Who is involved in EuroRETT ?

You will find below a presentation of the research carried out in the different laboratories participating to EuroRETT. The following laboratories are involved (by alphabetical order) :

- Thierry BIENVENU – Inserm U567 – Paris, FRANCE.

- Vania BROCCOLI – San Raffaele Scientific Institute – Milano, ITALY.

- Cristina CARDOSO – Technische Universität – Darmstadt, GERMANY.

- Maurizio D’ESPOSITO - CNR - Naples, ITALY.

- Manel ESTELLER – National Cancer Center – Madrid, SPAIN.

- Eva GAK – Sheba Medical Center – Tel Hashomer, ISRAEL.

- Maurizio GIUSTETTO - Torino University - Torino, ITALY.

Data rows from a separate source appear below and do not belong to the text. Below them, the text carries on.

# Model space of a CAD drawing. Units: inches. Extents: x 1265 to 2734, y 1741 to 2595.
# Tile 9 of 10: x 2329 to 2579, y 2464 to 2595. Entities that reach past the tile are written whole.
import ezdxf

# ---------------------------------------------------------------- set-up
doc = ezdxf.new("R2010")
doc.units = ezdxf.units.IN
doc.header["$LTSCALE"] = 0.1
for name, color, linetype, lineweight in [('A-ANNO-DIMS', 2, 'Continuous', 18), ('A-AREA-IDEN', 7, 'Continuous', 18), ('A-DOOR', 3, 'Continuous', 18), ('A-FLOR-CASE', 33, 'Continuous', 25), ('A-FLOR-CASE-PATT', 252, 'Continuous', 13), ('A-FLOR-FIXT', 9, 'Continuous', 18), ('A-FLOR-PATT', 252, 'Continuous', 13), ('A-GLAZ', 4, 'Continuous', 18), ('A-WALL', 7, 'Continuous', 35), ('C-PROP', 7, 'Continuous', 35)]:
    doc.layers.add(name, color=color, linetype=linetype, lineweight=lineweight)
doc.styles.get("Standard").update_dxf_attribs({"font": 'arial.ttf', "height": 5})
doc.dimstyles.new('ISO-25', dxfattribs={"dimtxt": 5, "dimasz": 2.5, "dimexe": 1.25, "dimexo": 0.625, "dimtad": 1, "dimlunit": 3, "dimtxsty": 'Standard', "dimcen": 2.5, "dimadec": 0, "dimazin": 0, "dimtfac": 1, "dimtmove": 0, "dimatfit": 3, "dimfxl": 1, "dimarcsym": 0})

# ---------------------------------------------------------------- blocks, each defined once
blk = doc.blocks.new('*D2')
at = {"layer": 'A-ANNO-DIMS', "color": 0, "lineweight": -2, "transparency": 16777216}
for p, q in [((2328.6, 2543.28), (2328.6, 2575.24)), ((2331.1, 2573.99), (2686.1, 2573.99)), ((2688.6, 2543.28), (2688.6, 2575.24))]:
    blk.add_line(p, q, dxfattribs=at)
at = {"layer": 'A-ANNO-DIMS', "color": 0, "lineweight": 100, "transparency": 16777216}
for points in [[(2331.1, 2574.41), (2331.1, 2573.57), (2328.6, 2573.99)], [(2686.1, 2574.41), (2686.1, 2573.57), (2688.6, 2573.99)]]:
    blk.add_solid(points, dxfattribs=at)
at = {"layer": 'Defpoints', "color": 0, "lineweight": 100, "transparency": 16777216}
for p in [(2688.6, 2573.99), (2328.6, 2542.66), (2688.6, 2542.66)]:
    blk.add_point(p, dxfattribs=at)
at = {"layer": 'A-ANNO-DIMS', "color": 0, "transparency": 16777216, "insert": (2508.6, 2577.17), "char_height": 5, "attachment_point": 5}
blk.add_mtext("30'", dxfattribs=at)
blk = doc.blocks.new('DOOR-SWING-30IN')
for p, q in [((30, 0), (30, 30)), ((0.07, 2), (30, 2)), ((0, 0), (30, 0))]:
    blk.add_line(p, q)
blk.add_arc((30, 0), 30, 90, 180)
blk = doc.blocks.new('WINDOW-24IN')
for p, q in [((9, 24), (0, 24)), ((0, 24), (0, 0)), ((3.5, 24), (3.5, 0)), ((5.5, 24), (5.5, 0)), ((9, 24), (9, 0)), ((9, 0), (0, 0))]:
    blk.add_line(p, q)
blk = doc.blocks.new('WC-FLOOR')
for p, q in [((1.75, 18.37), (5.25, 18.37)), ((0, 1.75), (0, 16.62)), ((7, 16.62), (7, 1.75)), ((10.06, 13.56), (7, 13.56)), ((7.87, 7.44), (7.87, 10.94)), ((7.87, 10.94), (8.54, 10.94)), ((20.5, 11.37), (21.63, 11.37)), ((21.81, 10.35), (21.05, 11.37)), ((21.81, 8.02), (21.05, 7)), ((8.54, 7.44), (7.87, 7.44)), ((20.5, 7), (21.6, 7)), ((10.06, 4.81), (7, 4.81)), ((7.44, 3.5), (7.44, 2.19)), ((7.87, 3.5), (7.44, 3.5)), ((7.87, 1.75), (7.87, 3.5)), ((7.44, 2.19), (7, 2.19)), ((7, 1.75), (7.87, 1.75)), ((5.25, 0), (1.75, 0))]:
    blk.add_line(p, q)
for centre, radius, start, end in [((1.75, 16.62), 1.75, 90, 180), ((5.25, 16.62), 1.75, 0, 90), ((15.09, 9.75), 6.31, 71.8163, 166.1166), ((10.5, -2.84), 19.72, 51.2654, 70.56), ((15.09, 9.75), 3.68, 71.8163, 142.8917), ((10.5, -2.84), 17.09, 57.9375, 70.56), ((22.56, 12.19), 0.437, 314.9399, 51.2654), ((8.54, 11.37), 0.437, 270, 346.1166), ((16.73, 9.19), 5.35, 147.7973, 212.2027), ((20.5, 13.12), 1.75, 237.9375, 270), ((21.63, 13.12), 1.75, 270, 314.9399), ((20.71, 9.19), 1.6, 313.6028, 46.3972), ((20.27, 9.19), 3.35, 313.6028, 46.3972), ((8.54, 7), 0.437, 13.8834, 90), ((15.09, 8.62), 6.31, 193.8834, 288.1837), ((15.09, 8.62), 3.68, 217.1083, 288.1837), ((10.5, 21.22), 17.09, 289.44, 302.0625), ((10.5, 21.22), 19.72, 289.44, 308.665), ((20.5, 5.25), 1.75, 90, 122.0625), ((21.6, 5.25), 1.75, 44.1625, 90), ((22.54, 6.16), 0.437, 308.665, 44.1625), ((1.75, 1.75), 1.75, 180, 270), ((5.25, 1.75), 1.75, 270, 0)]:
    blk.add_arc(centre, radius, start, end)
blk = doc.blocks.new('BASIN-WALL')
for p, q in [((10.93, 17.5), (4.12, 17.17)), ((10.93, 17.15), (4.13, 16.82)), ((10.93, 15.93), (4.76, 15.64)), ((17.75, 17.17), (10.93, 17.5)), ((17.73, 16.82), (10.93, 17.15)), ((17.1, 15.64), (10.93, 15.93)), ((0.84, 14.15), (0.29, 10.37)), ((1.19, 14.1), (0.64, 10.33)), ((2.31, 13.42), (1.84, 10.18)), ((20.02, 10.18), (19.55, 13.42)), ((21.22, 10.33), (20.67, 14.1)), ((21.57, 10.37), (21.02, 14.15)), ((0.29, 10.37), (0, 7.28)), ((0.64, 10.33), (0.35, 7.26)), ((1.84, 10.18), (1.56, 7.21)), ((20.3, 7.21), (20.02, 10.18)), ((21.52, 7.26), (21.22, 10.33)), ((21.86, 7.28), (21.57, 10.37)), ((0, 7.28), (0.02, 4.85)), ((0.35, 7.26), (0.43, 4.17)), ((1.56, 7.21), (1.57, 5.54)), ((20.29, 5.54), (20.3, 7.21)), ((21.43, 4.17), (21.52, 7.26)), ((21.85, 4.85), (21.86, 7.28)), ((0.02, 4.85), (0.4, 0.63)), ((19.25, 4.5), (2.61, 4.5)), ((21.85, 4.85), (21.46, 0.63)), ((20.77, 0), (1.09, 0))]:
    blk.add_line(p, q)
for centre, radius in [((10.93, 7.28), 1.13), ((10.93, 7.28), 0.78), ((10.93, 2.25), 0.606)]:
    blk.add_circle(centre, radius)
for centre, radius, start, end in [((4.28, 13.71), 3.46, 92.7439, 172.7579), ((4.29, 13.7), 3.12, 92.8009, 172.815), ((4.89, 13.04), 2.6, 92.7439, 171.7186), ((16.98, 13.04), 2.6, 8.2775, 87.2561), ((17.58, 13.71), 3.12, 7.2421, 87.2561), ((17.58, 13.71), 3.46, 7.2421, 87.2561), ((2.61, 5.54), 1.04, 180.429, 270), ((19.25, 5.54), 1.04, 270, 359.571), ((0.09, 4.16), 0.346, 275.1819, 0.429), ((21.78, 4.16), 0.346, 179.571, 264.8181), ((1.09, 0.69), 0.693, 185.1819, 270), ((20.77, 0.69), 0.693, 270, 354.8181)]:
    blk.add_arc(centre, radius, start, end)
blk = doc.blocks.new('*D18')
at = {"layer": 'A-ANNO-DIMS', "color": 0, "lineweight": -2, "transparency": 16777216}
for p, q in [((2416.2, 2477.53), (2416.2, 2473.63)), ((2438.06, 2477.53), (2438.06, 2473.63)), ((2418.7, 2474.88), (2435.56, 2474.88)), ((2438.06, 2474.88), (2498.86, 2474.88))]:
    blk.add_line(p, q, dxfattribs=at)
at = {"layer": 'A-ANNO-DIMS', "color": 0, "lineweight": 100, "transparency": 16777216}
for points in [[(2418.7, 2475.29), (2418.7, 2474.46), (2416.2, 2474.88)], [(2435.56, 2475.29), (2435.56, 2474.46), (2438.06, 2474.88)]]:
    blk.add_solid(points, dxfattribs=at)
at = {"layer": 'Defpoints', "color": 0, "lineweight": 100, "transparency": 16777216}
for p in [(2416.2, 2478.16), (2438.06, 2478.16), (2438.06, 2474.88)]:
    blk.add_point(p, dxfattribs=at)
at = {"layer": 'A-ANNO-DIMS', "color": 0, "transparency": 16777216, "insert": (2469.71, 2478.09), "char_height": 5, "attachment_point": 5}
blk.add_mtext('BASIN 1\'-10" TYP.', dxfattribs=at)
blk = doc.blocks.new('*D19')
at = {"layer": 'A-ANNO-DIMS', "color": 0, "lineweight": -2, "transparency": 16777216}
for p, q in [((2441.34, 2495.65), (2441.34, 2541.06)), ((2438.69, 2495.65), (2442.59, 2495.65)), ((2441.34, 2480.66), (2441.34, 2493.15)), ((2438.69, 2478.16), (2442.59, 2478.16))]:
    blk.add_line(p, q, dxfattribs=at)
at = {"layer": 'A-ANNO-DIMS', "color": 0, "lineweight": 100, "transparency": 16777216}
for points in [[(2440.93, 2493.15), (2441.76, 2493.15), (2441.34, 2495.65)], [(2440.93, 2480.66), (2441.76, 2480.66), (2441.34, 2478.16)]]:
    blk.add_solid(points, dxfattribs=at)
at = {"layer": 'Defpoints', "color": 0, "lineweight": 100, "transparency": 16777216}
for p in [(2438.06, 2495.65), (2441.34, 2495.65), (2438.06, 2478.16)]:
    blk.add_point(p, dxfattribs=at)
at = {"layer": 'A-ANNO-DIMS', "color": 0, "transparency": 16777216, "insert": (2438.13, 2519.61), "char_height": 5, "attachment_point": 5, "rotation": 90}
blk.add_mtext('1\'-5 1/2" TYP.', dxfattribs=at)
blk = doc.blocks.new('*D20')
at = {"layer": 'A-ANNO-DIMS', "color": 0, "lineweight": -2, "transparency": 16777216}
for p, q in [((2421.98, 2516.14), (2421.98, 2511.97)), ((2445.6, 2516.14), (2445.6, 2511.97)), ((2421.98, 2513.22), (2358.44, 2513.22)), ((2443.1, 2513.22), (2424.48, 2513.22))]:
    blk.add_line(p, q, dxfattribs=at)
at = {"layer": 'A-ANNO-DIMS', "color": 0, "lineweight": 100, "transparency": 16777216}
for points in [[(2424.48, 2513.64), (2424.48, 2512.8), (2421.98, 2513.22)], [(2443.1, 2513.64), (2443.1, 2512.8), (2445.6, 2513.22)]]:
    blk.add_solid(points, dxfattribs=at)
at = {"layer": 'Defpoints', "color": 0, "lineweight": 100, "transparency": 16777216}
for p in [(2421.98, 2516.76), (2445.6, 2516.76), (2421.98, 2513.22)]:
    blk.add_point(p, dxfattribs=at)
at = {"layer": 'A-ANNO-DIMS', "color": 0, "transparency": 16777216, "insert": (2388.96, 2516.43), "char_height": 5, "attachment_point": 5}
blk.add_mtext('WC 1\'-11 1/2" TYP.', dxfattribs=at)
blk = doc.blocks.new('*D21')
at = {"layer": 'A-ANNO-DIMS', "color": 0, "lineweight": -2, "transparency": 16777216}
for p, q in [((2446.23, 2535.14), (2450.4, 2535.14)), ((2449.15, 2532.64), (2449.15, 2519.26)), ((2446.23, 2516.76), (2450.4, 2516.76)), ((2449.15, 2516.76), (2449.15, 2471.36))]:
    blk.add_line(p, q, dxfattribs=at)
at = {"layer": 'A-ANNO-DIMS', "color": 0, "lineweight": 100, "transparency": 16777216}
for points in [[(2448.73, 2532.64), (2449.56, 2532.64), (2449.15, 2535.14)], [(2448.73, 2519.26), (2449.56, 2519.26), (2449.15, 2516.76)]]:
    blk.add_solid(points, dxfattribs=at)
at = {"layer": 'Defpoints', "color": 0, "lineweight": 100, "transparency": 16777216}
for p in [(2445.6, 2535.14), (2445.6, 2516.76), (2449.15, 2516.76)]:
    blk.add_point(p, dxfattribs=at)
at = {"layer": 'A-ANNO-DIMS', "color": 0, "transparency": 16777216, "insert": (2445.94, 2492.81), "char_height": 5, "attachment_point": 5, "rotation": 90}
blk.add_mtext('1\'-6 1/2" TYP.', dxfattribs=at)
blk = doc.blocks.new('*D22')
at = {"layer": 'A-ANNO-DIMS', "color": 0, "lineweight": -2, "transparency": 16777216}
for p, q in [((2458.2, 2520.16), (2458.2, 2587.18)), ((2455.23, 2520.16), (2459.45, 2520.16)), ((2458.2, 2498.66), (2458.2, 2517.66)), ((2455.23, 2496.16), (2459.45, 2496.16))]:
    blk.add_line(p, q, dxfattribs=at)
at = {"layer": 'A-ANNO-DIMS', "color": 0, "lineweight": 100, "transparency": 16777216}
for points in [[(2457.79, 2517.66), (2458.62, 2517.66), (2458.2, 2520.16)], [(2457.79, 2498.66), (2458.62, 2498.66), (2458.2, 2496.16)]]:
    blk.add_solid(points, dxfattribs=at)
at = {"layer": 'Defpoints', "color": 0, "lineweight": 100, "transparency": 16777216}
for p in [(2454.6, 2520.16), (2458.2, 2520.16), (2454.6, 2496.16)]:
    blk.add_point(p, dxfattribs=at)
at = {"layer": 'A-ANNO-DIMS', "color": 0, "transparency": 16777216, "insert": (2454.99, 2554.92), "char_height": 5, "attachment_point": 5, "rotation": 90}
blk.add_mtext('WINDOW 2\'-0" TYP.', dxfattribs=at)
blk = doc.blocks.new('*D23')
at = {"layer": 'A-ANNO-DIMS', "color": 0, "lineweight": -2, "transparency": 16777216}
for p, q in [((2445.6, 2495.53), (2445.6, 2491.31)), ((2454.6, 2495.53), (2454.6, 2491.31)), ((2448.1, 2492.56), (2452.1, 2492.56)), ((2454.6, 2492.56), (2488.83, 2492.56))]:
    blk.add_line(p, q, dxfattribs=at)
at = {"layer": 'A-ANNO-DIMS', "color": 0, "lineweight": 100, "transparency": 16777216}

- Peter HUPPKE – Faculty of Medicine – Göttingen, GERMANY.

- Etienne JOLY - IPBS - Toulouse, FRANCE.

- Nicoletta LANDSBERGER - University of Insubria - Busto Arsizio, ITALY.

- Giovanni LAVIOLA – Istituto Superiore di Sanità – Rome, ITALY.

- Giovanni LÉVI – CNRS 5166 – Paris, FRANCE.

- Giorgio PINI - UONPIA - Viareggio, ITALY.

- Tommaso PIZZORUSSO - CNR - Pisa, ITALY.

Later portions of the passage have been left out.